Im thinking the Graef CM800.

if the build quality of the Iberital is so shocking I wonder why its endorsed as much as it is.


----------



## coffeechap (Apr 5, 2012)

Spazbarista said:


> Nothing, as long as you paid £50 for it.
> 
> But you will see an enormous instant improvement in your coffee when you shell out £150 for a used Mazzer


Or 20 pence at the going rate


----------



## rmblack78 (Oct 9, 2014)

If anyone has a Mazzer for 20p I'm all the way in!


----------



## russe11 (May 12, 2012)

As in life "you get what you pay for" If you have just spent your hard earned cash on buying your first real coffee machine and your budget is tight, the mc2 is a decent first grinder. Admitted its not the most attractive or most well made but all it has to do is sit there and grind... and it does.

Not everybody is in a position to buy the all singing all dancing grinder... that is why we continue to upgrade? We are searching for the next level... when funds permit (dont tell the wife)!


----------



## Spazbarista (Dec 6, 2011)

coffeechap said:


> Or 20 pence at the going rate


I'll give you a quid for your entire stock.


----------



## Mrboots2u (May 10, 2013)

Jumbo Ratty said:


> Im thinking the Graef CM800.
> 
> if the build quality of the Iberital is so shocking I wonder why its endorsed as much as it is.

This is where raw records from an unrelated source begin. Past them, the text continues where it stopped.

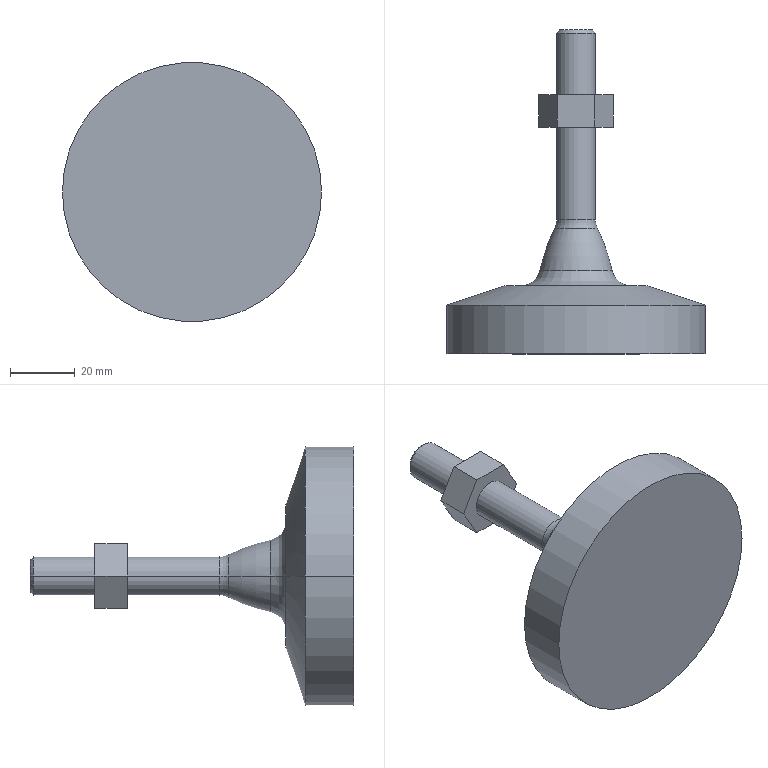Component | SolidWorks | FrameAssembly-1_FootCup-3 | 1 solid | 27 faces | box 80 x 100 x 80 mm | volume 109185 mm3 | plane 11 | torus 6 | cylinder 6 | cone 4 | commonest cylinder face diameters 12 x4 80 x2
build123d program:
from build123d import *

# Parameters (mm, degrees)
BOSS_EXTRUDE1_DEPTH = 10
FILLET1_R           = 6


with BuildPart() as part:
    # Sketch1 → Boss-Extrude1 (new body)
    with BuildSketch(Plane(origin=(0, 80, 0), x_dir=(1, 0, 0), z_dir=(0, 1, 0))):
        Polygon((-5.774, 10), (-11.547, 0), (-5.774, -10), (5.774, -10), (11.547, 0), (5.774, 10), align=None)
    extrude(amount=-BOSS_EXTRUDE1_DEPTH)

    # Sketch2 → Revolve1 (revolve)
    with BuildSketch(Plane(origin=(0, 0, 0), x_dir=(-1, 0, 0), z_dir=(0, 0, -1)), mode=Mode.PRIVATE) as revolve1_sk:
        with BuildLine():
            Line((-40, 0), (0, 0))
            Line((0, 0), (0, 70))
            Line((0, 70), (-6, 70))
            Line((-6, 70), (-6, 40))
            ThreePointArc((-6, 40), (-9.794, 30.751), (-12, 21))
            Line((-12, 21), (-22, 21))
            Line((-22, 21), (-40, 15))
            Line((-40, 15), (-40, 0))
        make_face()
    revolve(revolve1_sk.sketch.rotate(Axis((0, 0, 0), (0, 1, 0)), 180), axis=Axis((0, 0, 0), (0, 1, 0)))

    # Sketch3 → Revolve2 (revolve)
    with BuildSketch(Plane(origin=(0, 0, 0), x_dir=(-1, 0, 0), z_dir=(0, 0, -1)), mode=Mode.PRIVATE) as revolve2_sk:
        Polygon((-6, 80), (0, 80), (0, 100), (-5, 100), (-6, 99), align=None)
    revolve(revolve2_sk.sketch.rotate(Axis((0, 80, 0), (0, 1, 0)), 180), axis=Axis((0, 80, 0), (0, 1, 0)))

    # Fillet1
    fillet1_edges = [part.edges().sort_by_distance(p)[0] for p in [
        (6, 40, 0),
        (12, 21, 0),
    ]]
    fillet(fillet1_edges, radius=FILLET1_R)


solid = part.part

# Placed as in the assembly
solid = solid.moved(Location((-641.246, -528.627, -346.5), (0, 0, 0)))
STEP:
#1=COLOUR_RGB('',0.7922,0.8196,0.9333);
#2=FILL_AREA_STYLE_COLOUR('',#1);
#3=FILL_AREA_STYLE('',(#2));
#4=SURFACE_STYLE_FILL_AREA(#3);
#5=SURFACE_SIDE_STYLE('',(#4));
#6=SURFACE_STYLE_USAGE(.BOTH.,#5);
#7=PRESENTATION_STYLE_ASSIGNMENT((#6));
#8=CARTESIAN_POINT('',(-25.01,-19.182,-13.642));
#9=VERTEX_POINT('',#8);
#10=CARTESIAN_POINT('',(-25.482,-19.182,-13.642));
#11=VERTEX_POINT('',#10);
#12=CARTESIAN_POINT('',(-25.246,-19.182,-13.642));
#13=DIRECTION('',(0.,1.,0.));
#14=DIRECTION('',(-1.,0.,0.));
#15=AXIS2_PLACEMENT_3D('',#12,#13,#14);
#16=CIRCLE('',#15,0.2362);
#17=EDGE_CURVE('',#9,#11,#16,.T.);
#18=ORIENTED_EDGE('',*,*,#17,.F.);
#19=CARTESIAN_POINT('',(-24.986,-19.285,-13.642));
#20=VERTEX_POINT('',#19);
#21=CARTESIAN_POINT('',(-24.773,-19.182,-13.642));
#22=DIRECTION('',(-0.,0.,1.));
#23=DIRECTION('',(1.,0.,0.));
#24=AXIS2_PLACEMENT_3D('',#21,#22,#23);
#25=CIRCLE('',#24,0.2362);
#26=EDGE_CURVE('',#9,#20,#25,.T.);
#27=ORIENTED_EDGE('',*,*,#26,.T.);
#28=CARTESIAN_POINT('',(-25.506,-19.285,-13.642));
#29=VERTEX_POINT('',#28);
#30=CARTESIAN_POINT('',(-25.246,-19.285,-13.642));
#31=DIRECTION('',(-0.,-1.,0.));
#32=DIRECTION('',(1.,0.,0.));
#33=AXIS2_PLACEMENT_3D('',#30,#31,#32);
#34=CIRCLE('',#33,0.2598);
#35=EDGE_CURVE('',#29,#20,#34,.T.);
#36=ORIENTED_EDGE('',*,*,#35,.F.);
#37=CARTESIAN_POINT('',(-25.718,-19.182,-13.642));
#38=DIRECTION('',(0.,0.,-1.));
#39=DIRECTION('',(-1.,0.,0.));
#40=AXIS2_PLACEMENT_3D('',#37,#38,#39);
#41=CIRCLE('',#40,0.2362);
#42=EDGE_CURVE('',#11,#29,#41,.T.);
#43=ORIENTED_EDGE('',*,*,#42,.F.);
#44=EDGE_LOOP('',(#18,#27,#36,#43));
#45=FACE_OUTER_BOUND('',#44,.T.);
#46=CARTESIAN_POINT('',(-25.246,-19.182,-13.642));
#47=DIRECTION('',(0.,1.,0.));
#48=DIRECTION('',(-1.,0.,0.));
#49=AXIS2_PLACEMENT_3D('',#46,#47,#48);
#50=TOROIDAL_SURFACE('',#49,0.4724,0.2362);
#51=ADVANCED_FACE('',(#45),#50,.F.);
#52=CARTESIAN_POINT('',(-24.807,-19.8,-13.642));
#53=VERTEX_POINT('',#52);
#54=CARTESIAN_POINT('',(-25.685,-19.8,-13.642));
#55=VERTEX_POINT('',#54);
#56=CARTESIAN_POINT('',(-25.246,-19.8,-13.642));
#57=DIRECTION('',(0.,1.,0.));
#58=DIRECTION('',(1.,0.,0.));
#59=AXIS2_PLACEMENT_3D('',#56,#57,#58);
#60=CIRCLE('',#59,0.439);
#61=EDGE_CURVE('',#53,#55,#60,.T.);
#62=ORIENTED_EDGE('',*,*,#61,.F.);
#63=CARTESIAN_POINT('',(-24.576,-19.985,-13.642));
#64=VERTEX_POINT('',#63);
#65=CARTESIAN_POINT('',(-24.576,-19.749,-13.642));
#66=DIRECTION('',(-0.,0.,1.));
#67=DIRECTION('',(1.,0.,0.));
#68=AXIS2_PLACEMENT_3D('',#65,#66,#67);
#69=CIRCLE('',#68,0.2362);
#70=EDGE_CURVE('',#53,#64,#69,.T.);
#71=ORIENTED_EDGE('',*,*,#70,.T.);
#72=CARTESIAN_POINT('',(-25.916,-19.985,-13.642));
#73=VERTEX_POINT('',#72);
#74=CARTESIAN_POINT('',(-25.246,-19.985,-13.642));
#75=DIRECTION('',(-0.,-1.,0.));
#76=DIRECTION('',(-1.,0.,0.));
#77=AXIS2_PLACEMENT_3D('',#74,#75,#76);
#78=CIRCLE('',#77,0.6696);
#79=EDGE_CURVE('',#73,#64,#78,.T.);
#80=ORIENTED_EDGE('',*,*,#79,.F.);
#81=CARTESIAN_POINT('',(-25.916,-19.749,-13.642));
#82=DIRECTION('',(0.,0.,-1.));
#83=DIRECTION('',(-1.,0.,0.));
#84=AXIS2_PLACEMENT_3D('',#81,#82,#83);
#85=CIRCLE('',#84,0.2362);
#86=EDGE_CURVE('',#55,#73,#85,.T.);
#87=ORIENTED_EDGE('',*,*,#86,.F.);
#88=EDGE_LOOP('',(#62,#71,#80,#87));
#89=FACE_OUTER_BOUND('',#88,.T.);
#90=CARTESIAN_POINT('',(-25.246,-19.749,-13.642));
#91=DIRECTION('',(0.,1.,0.));
#92=DIRECTION('',(-1.,0.,0.));
#93=AXIS2_PLACEMENT_3D('',#90,#91,#92);
#94=TOROIDAL_SURFACE('',#93,0.6696,0.2362);
#95=ADVANCED_FACE('',(#89),#94,.F.);
#96=CARTESIAN_POINT('',(-25.443,-16.875,-13.642));
#97=VERTEX_POINT('',#96);
#98=CARTESIAN_POINT('',(-25.049,-16.875,-13.642));
#99=VERTEX_POINT('',#98);
#100=CARTESIAN_POINT('',(-25.246,-16.875,-13.642));
#101=DIRECTION('',(0.,1.,0.));
#102=DIRECTION('',(-1.,0.,0.));
#103=AXIS2_PLACEMENT_3D('',#100,#101,#102);
#104=CIRCLE('',#103,0.1969);
#105=EDGE_CURVE('',#97,#99,#104,.T.);
#106=ORIENTED_EDGE('',*,*,#105,.F.);
#107=CARTESIAN_POINT('',(-25.482,-16.914,-13.642));
#108=VERTEX_POINT('',#107);
#109=CARTESIAN_POINT('',(-25.443,-16.875,-13.642));
#110=DIRECTION('',(-0.7071,-0.7071,0.));
#111=VECTOR('',#110,39.37);
#112=LINE('',#109,#111);
#113=EDGE_CURVE('',#97,#108,#112,.T.);
#114=ORIENTED_EDGE('',*,*,#113,.T.);
#115=CARTESIAN_POINT('',(-25.01,-16.914,-13.642));
#116=VERTEX_POINT('',#115);
#117=CARTESIAN_POINT('',(-25.246,-16.914,-13.642));
#118=DIRECTION('',(0.,1.,0.));
#119=DIRECTION('',(-1.,0.,0.));
#120=AXIS2_PLACEMENT_3D('',#117,#118,#119);
#121=CIRCLE('',#120,0.2362);
#122=EDGE_CURVE('',#108,#116,#121,.T.);
#123=ORIENTED_EDGE('',*,*,#122,.T.);
#124=CARTESIAN_POINT('',(-25.049,-16.875,-13.642));
#125=DIRECTION('',(0.7071,-0.7071,0.));
#126=VECTOR('',#125,39.37);
#127=LINE('',#124,#126);
#128=EDGE_CURVE('',#99,#116,#127,.T.);
#129=ORIENTED_EDGE('',*,*,#128,.F.);
#130=EDGE_LOOP('',(#106,#114,#123,#129));
#131=FACE_OUTER_BOUND('',#130,.T.);
#132=CARTESIAN_POINT('',(-25.246,-16.875,-13.642));
#133=DIRECTION('',(-0.,-1.,0.));
#134=DIRECTION('',(1.,0.,0.));
#135=AXIS2_PLACEMENT_3D('',#132,#133,#134);
#136=CONICAL_SURFACE('',#135,0.1969,0.7854);
#137=ADVANCED_FACE('',(#131),#136,.T.);
#138=CARTESIAN_POINT('',(-25.482,-17.662,-13.642));
#139=VERTEX_POINT('',#138);
#140=CARTESIAN_POINT('',(-25.01,-17.662,-13.642));
#141=VERTEX_POINT('',#140);
#142=CARTESIAN_POINT('',(-25.246,-17.662,-13.642));
#143=DIRECTION('',(0.,1.,0.));
#144=DIRECTION('',(-1.,0.,0.));
#145=AXIS2_PLACEMENT_3D('',#142,#143,#144);
#146=CIRCLE('',#145,0.2362);
#147=EDGE_CURVE('',#139,#141,#146,.T.);
#148=ORIENTED_EDGE('',*,*,#147,.T.);
#149=CARTESIAN_POINT('',(-25.01,-17.662,-13.642));
#150=DIRECTION('',(0.,1.,0.));
#151=VECTOR('',#150,39.37);
#152=LINE('',#149,#151);
#153=EDGE_CURVE('',#141,#116,#152,.T.);
#154=ORIENTED_EDGE('',*,*,#153,.T.);
#155=ORIENTED_EDGE('',*,*,#122,.F.);
#156=CARTESIAN_POINT('',(-25.482,-17.662,-13.642));
#157=DIRECTION('',(0.,1.,0.));
#158=VECTOR('',#157,39.37);
#159=LINE('',#156,#158);
#160=EDGE_CURVE('',#139,#108,#159,.T.);
#161=ORIENTED_EDGE('',*,*,#160,.F.);
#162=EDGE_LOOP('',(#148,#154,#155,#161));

It gets mentioned alot , as people ask

What can i get for under £100 that will do espresso

Answer invariable used to be . not much apart from an MC2 second hand....

Why did they use to be be so many around - coz people buy em , get annoyed with em and sell em on..

Buy in haste, sell second hand for a loss...


----------



## coffeechap (Apr 5, 2012)

Spazbarista said:


> I'll give you a quid for your entire stock.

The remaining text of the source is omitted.